Thanks in advance for advice.


----------



## jpollman (Jan 14, 2001)

I've got a very good Bosch hammer drill that will definitely do the job. I also have a generator. But I've also got LOTS of extension cord if that's an option. If the nearest power is out of extension cord range, I could throw the generator in the trailer and bring the drill down and we could pop the holes in no time. If there is power but it's reachable with an extension cord you're more than welcome to borrow my drill and cords. I don't know what size hole you need but I probably have the bit too. It's a super SDS drill.
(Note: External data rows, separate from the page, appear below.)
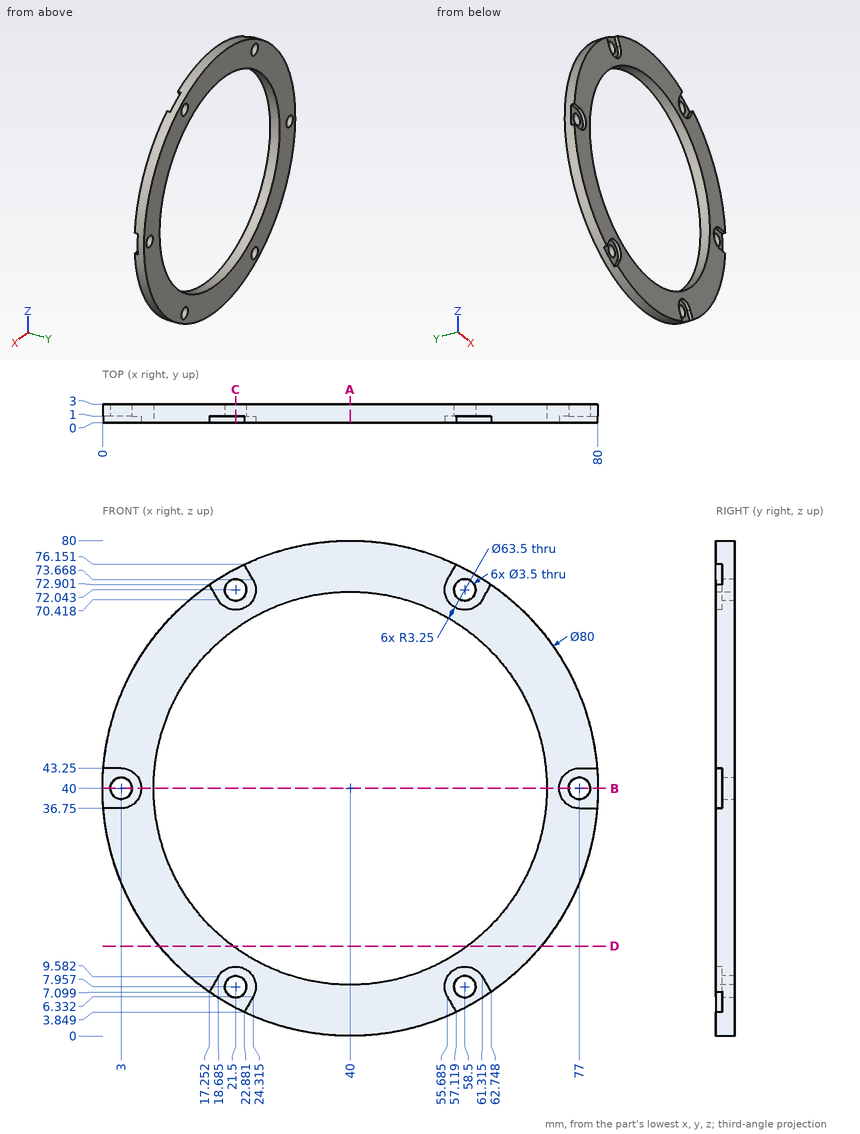
Input: dimensioned drawing with shaded views. Units: mm. Origin: part minimum x, y, z. Round coordinates to 2 decimals unless told otherwise and drop trailing zeros. Loops run counter-clockwise (first coordinate to the right, second up) from the corner with the lowest first, then second, coordinate; pieces in that order, holes last.
1) Section query D-D on z = 14.5. Return the cut outline in (x, y) (1 decimal).
Ans:
outline: (9.2, 0) - (21.1, 0) - (21.1, 3) - (9.2, 3) - close; (58.9, 0) - (70.8, 0) - (70.8, 3) - (58.9, 3) - close
2) Section query B-B on z = 40. Return the cut outline in (x, y), plus the area to 3 significant figures.
Ans:
outline: (0, 1) - (1.25, 1) - (1.25, 3) - (0, 3) - close; (4.75, 1) - (6.25, 1) - (6.25, 0) - (8.25, 0) - (8.25, 3) - (4.75, 3) - close; (71.75, 0) - (73.75, 0) - (73.75, 1) - (75.25, 1) - (75.25, 3) - (71.75, 3) - close; (78.75, 1) - (80, 1) - (80, 3) - (78.75, 3) - close
area: 23.0 mm2
3) Material intervals for line 1 (X direction, y = 2.25, z = 40); line 2 (Z direction, x = 20, y = 2.2) (1 decimal); line 3 (Y direction, x = 57, z = 73), sorted ascending.
Ans:
line 1: x = 0 to 1.25, 4.75 to 8.25, 71.75 to 75.25, 78.75 to 80
line 2: z = 5.4 to 7.1, 8.9 to 15.3, 64.7 to 71.1, 72.9 to 74.6
line 3: y = 1 to 3
4) Section query A-A on x = 40. Return the cut outline in (y, z), plus the area to 3 significant figures.
Ans:
outline: (0, 0) - (3, 0) - (3, 8.25) - (0, 8.25) - close; (0, 71.75) - (3, 71.75) - (3, 80) - (0, 80) - close
area: 49.5 mm2
5) Section query C-C on x = 21.5. Return the cut outline in (y, z) (1 decimal).
Ans:
outline: (0, 11.2) - (1, 11.2) - (1, 9.7) - (3, 9.7) - (3, 14.2) - (0, 14.2) - close; (0, 65.8) - (3, 65.8) - (3, 70.3) - (1, 70.3) - (1, 68.8) - (0, 68.8) - close; (1, 4.5) - (3, 4.5) - (3, 6.2) - (1, 6.2) - close; (1, 73.8) - (3, 73.8) - (3, 75.5) - (1, 75.5) - close
6) Pin query (flat end, axial travel): pin 1 (2 mm diameter, centred on x = 61, z = 71.5, fed in from -Y); pin 2 (3 mm diameter, centred on x = 4, z = 41, fed in from -Y); pin 3 (3 mm diameter, centred on x = 21.5, z = 7.96, fed in from +Y); pin 4 (1.5 mm diameter, centred on x = 23.5, y = 1, fed in from -Z). Return the tip coordinate at first contact, or that it passes through.
Ans:
pin 1: stops at y = 0
pin 2: stops at y = 1
pin 3: passes through
pin 4: stops at z = 3.23
Here's how the part is built. I have some questions about the finished solid (model axes, mm). A direction names the side the tool comes from. Round coordinates to 2 decimals unless told otherwise and drop trailing zeros. Write each loop counter-clockwise with the first axis right and the second up, starting at its lowest first coordinate (ties: lowest second). Pieces come first, ordered by that corner, then holes. Notation, with made-up numbers: (-1, 80) -> (57, 80) arc R20 ccw to (57, 115) -> close; hole circle Ø11 at (54.25, -24). An arc over 180 degrees is marked (long way). Put each result on its own line as item: value. Start each with the question number.
1) Which directions (+Z, -Z, +X, -X, +Y, -Y) give clear straight access to the entire face, cutting with the end or side of a thin tool? Please do faces 5 (the cylindrical face through (35.2, 7.6, -0.4)), 6 (the flat face through (30.1, 8, -2.4)), 7 (the flat face through (-34.85, 7, -1)).
2) I want a section at A-A, the plane x = 0. List the corners of the cut face in (y, z) for me.
3) I want a section at D-D, the plane z = 19. List the corners of the cut face in (x, y) for me, then the cut area to 3 significant figures.
4) I want a section at C-C, the plane y = 6. List the corners of the cut face in (x, z) for me.
5) We'd pull the mould along Z, two halves only. Please class faces 1 (the cylindrical face through (-35.2, 7.6, 0.4)), 2 (the cylindrical face through (13.6, 4.44, -32.79)), 3 (the flat face through (-1, 7, 34.85)), 4 (the flat face through (0, 7.56, -35)): released by +Z, released by -Z, zero draft, split by the parting line, or undercut.
6) I want a section at B-B, the plane z = 0. List the corners of the cut face in (x, y) for me, then the cut area to 3 significant figures.
7) Will these pins go through, and if not, where does the flat tip stop? P1, Ø3, axis at x = -14, y = 5.5, coming from the +Z side; P2, Ø4.5, axis at x = 0, y = 6, coming from the -Z side; P3, Ø2.5, axis at y = 6, z = 0, coming from the +X side; P4, Ø0.5, axis at x = -0.5, z = -34.5, coming from the -Y side.
8) If I drill on line 1 along Y through (x, z) = (-35, 0); line 2 along X through (y, z) = (8.6, 0); line 3 along X through (y, z) = (4, 31), over which ranges is the centre line in solid material (lowest first)? Write a range as [from, to].
from build123d import *

# Parameters (mm, degrees)
SKETCH2_W          = 7
SKETCH2_H          = 10
CUT_EXTRUDE1_DEPTH = 52.004901725
CUT_EXTRUDE2_START = 34.85
SKETCH3_R          = 1.65
CUT_EXTRUDE2_DEPTH = 10.65
CIRPATTERN1_COUNT  = 4
SKETCH4_R          = 1
CUT_EXTRUDE3_DEPTH = 52.004901895
CIRPATTERN3_COUNT  = 4


with BuildPart() as part:
    # Sketch1 → Revolve1 (revolve)
    with BuildSketch(Plane.XY, mode=Mode.PRIVATE) as revolve1_sk:
        Polygon((34, 0), (34, 8), (30, 8), (30, 9), (35.5, 9), (35.5, 0), align=None)
    revolve(revolve1_sk.sketch.rotate(Axis((0, -1.347881032, 0), (0, 1, 0)), 90), axis=Axis((0, -1.347881032, 0), (0, 1, 0)))

    # Sketch2 → Cut-Extrude1 (cut, through all)
    with BuildSketch(Plane.XY):
        with Locations((0, 2.56)):
            Rectangle(SKETCH2_W, SKETCH2_H)
    extrude(amount=-CUT_EXTRUDE1_DEPTH, mode=Mode.SUBTRACT)

    # Sketch3 → Cut-Extrude2 (cut)
    with BuildSketch(Plane.XY.offset(CUT_EXTRUDE2_START)):
        with Locations(Location((0, 6, 0), (0, 0, 180))):
            Circle(SKETCH3_R)
    cut_extrude2 = extrude(amount=CUT_EXTRUDE2_DEPTH, mode=Mode.SUBTRACT)

    # CirPattern1: Cut-Extrude2 ×4 about axis, 1 skipped
    cirpattern1_axis = Axis((0, 0, 0), (0, -1, 0))
    add([cut_extrude2.rotate(cirpattern1_axis, i * 360 / CIRPATTERN1_COUNT) for i in range(1, CIRPATTERN1_COUNT) if i not in (2,)], mode=Mode.SUBTRACT)

    # Sketch4 → Cut-Extrude3 (cut, through all)
    with BuildSketch(Plane.XY):
        with Locations(Location((0, 6, 0), (0, 0, 180))):
            Circle(SKETCH4_R)
    cut_extrude3 = extrude(amount=CUT_EXTRUDE3_DEPTH, mode=Mode.SUBTRACT)

    # CirPattern3: Cut-Extrude3 ×4 about axis, 1 skipped
    cirpattern3_axis = Axis((0, -1.347881032, 0), (0, -1, 0))
    add([cut_extrude3.rotate(cirpattern3_axis, i * 360 / CIRPATTERN3_COUNT) for i in range(1, CIRPATTERN3_COUNT) if i not in (2,)], mode=Mode.SUBTRACT)


solid = part.part
Findings:
1. face 5: +X
1. face 6: -Y
1. face 7: -X
2. outline: (0, 34) -> (5, 34) -> (5, 34.85) -> (4.35, 34.85) -> (4.35, 35.5) -> (0, 35.5) -> close; (7, 34) -> (8, 34) -> (8, 30) -> (9, 30) -> (9, 35.5) -> (7.65, 35.5) -> (7.65, 34.85) -> (7, 34.85) -> close; (7.56, -35.5) -> (9, -35.5) -> (9, -30) -> (8, -30) -> (8, -34) -> (7.56, -34) -> close
3. outline: (-29.99, 0) -> (-28.2, 0) -> (-28.2, 8) -> (-23.22, 8) -> (-23.22, 9) -> (-29.99, 9) -> close; (23.22, 8) -> (28.2, 8) -> (28.2, 0) -> (29.99, 0) -> (29.99, 9) -> (23.22, 9) -> close
3. area: 42.2 mm2
4. outline: (-35.46, -1.65) arc R35.5 ccw to (-3.5, -35.33) -> (-3.5, -33.82) arc R34 cw to (-33.99, -1) -> (-34.85, -1) -> (-34.85, -1.65) -> close; (-35.46, 1.65) -> (-34.85, 1.65) -> (-34.85, 1) -> (-33.99, 1) arc R34 cw to (-1, 33.99) -> (-1, 34.85) -> (-1.65, 34.85) -> (-1.65, 35.46) arc R35.5 ccw to start; (1, 33.99) arc R34 cw to (33.99, 1) -> (34.85, 1) -> (34.85, 1.65) -> (35.46, 1.65) arc R35.5 ccw to (1.65, 35.46) -> (1.65, 34.85) -> (1, 34.85) -> close; (3.5, -35.33) arc R35.5 ccw to (35.46, -1.65) -> (34.85, -1.65) -> (34.85, -1) -> (33.99, -1) arc R34 cw to (3.5, -33.82) -> close
5. face 1: undercut
5. face 2: split by the parting line
5. face 3: released by +Z
5. face 4: zero draft
6. outline: (-35.5, 0) -> (-34, 0) -> (-34, 5) -> (-34.85, 5) -> (-34.85, 4.35) -> (-35.5, 4.35) -> close; (-35.5, 7.65) -> (-34.85, 7.65) -> (-34.85, 7) -> (-34, 7) -> (-34, 8) -> (-30, 8) -> (-30, 9) -> (-35.5, 9) -> close; (30, 8) -> (34, 8) -> (34, 7) -> (34.85, 7) -> (34.85, 7.65) -> (35.5, 7.65) -> (35.5, 9) -> (30, 9) -> close; (34, 0) -> (35.5, 0) -> (35.5, 4.35) -> (34.85, 4.35) -> (34.85, 5) -> (34, 5) -> close
6. area: 27.3 mm2
7. P1: stops at z = 33.23
7. P2: stops at z = -35.5
7. P3: stops at x = 34.85
7. P4: stops at y = 7.56
8. line 1: y = [0, 4.35], [7.65, 9]
8. line 2: x = [-35.5, -30], [30, 35.5]
8. line 3: x = [-17.3, -13.96], [13.96, 17.3]

You're in Royal Oak which isn't that far away. I'm sure we can get those holes drilled without you having to drop almost $100.

Let me know

John

EDIT:
I just thought I'd add this. The $70 will probably work, but it'll probably take a while. I learned a long time ago that when you buy cheap tools you get CHEAP tools! I try to buy the best quality tools that I can afford. I threw away a lot of money learning that lesson. This Bosch drill I have is heavy duty and will definitely work.


----------



## puttputt (Aug 2, 2005)

thanks jpollman.

The rock is in Petoskey. Probably 20,000 feet from the nearest electrical outlet (and across a highway). 

If the cheap one goes 4x faster than a regular drill, then it's gonna be a reasonably quick job. (I'd rather drill for 45 minutes than haul a generator, etc. etc.). Yeah, those $300 models look sweet, but you can bet this is the last time I plan on drilling holes in a flippin' rock!


----------



## s2a0d0i5e (May 4, 2006)

I have a 1/2" drive Dewalt hammer drill I bought at Home Depot and I punch holes in our concrete floor at work all the time. Just make sure you use a good masonary bit like a Bosch brand.


----------



## Sib (Jan 8, 2003)

Probably the cheapest option would be to rent a quality cordless hammer drill locally. Probably be in the $25 range for a day. I agree that quality tools are the way to go, if it's something you won't use very often renting may be a better option.


----------



## ESOX (Nov 20, 2000)

One of the most important things in drilling rock is- all bits aren't created equal. Not even close. Those cheap zinc colored bits with the tight spiral on the flutes you get from a home center are marginal at best for soft masonry. When you get into hard natural rock you need a quality bit like a Rawl or Hilti, they will make short work of even granite in any cordless hammer drill.


----------



## ih772 (Jan 28, 2003)

I've used a Hilti hundreds of times at work and they go through hardest concrete and rocks better than any others out there. 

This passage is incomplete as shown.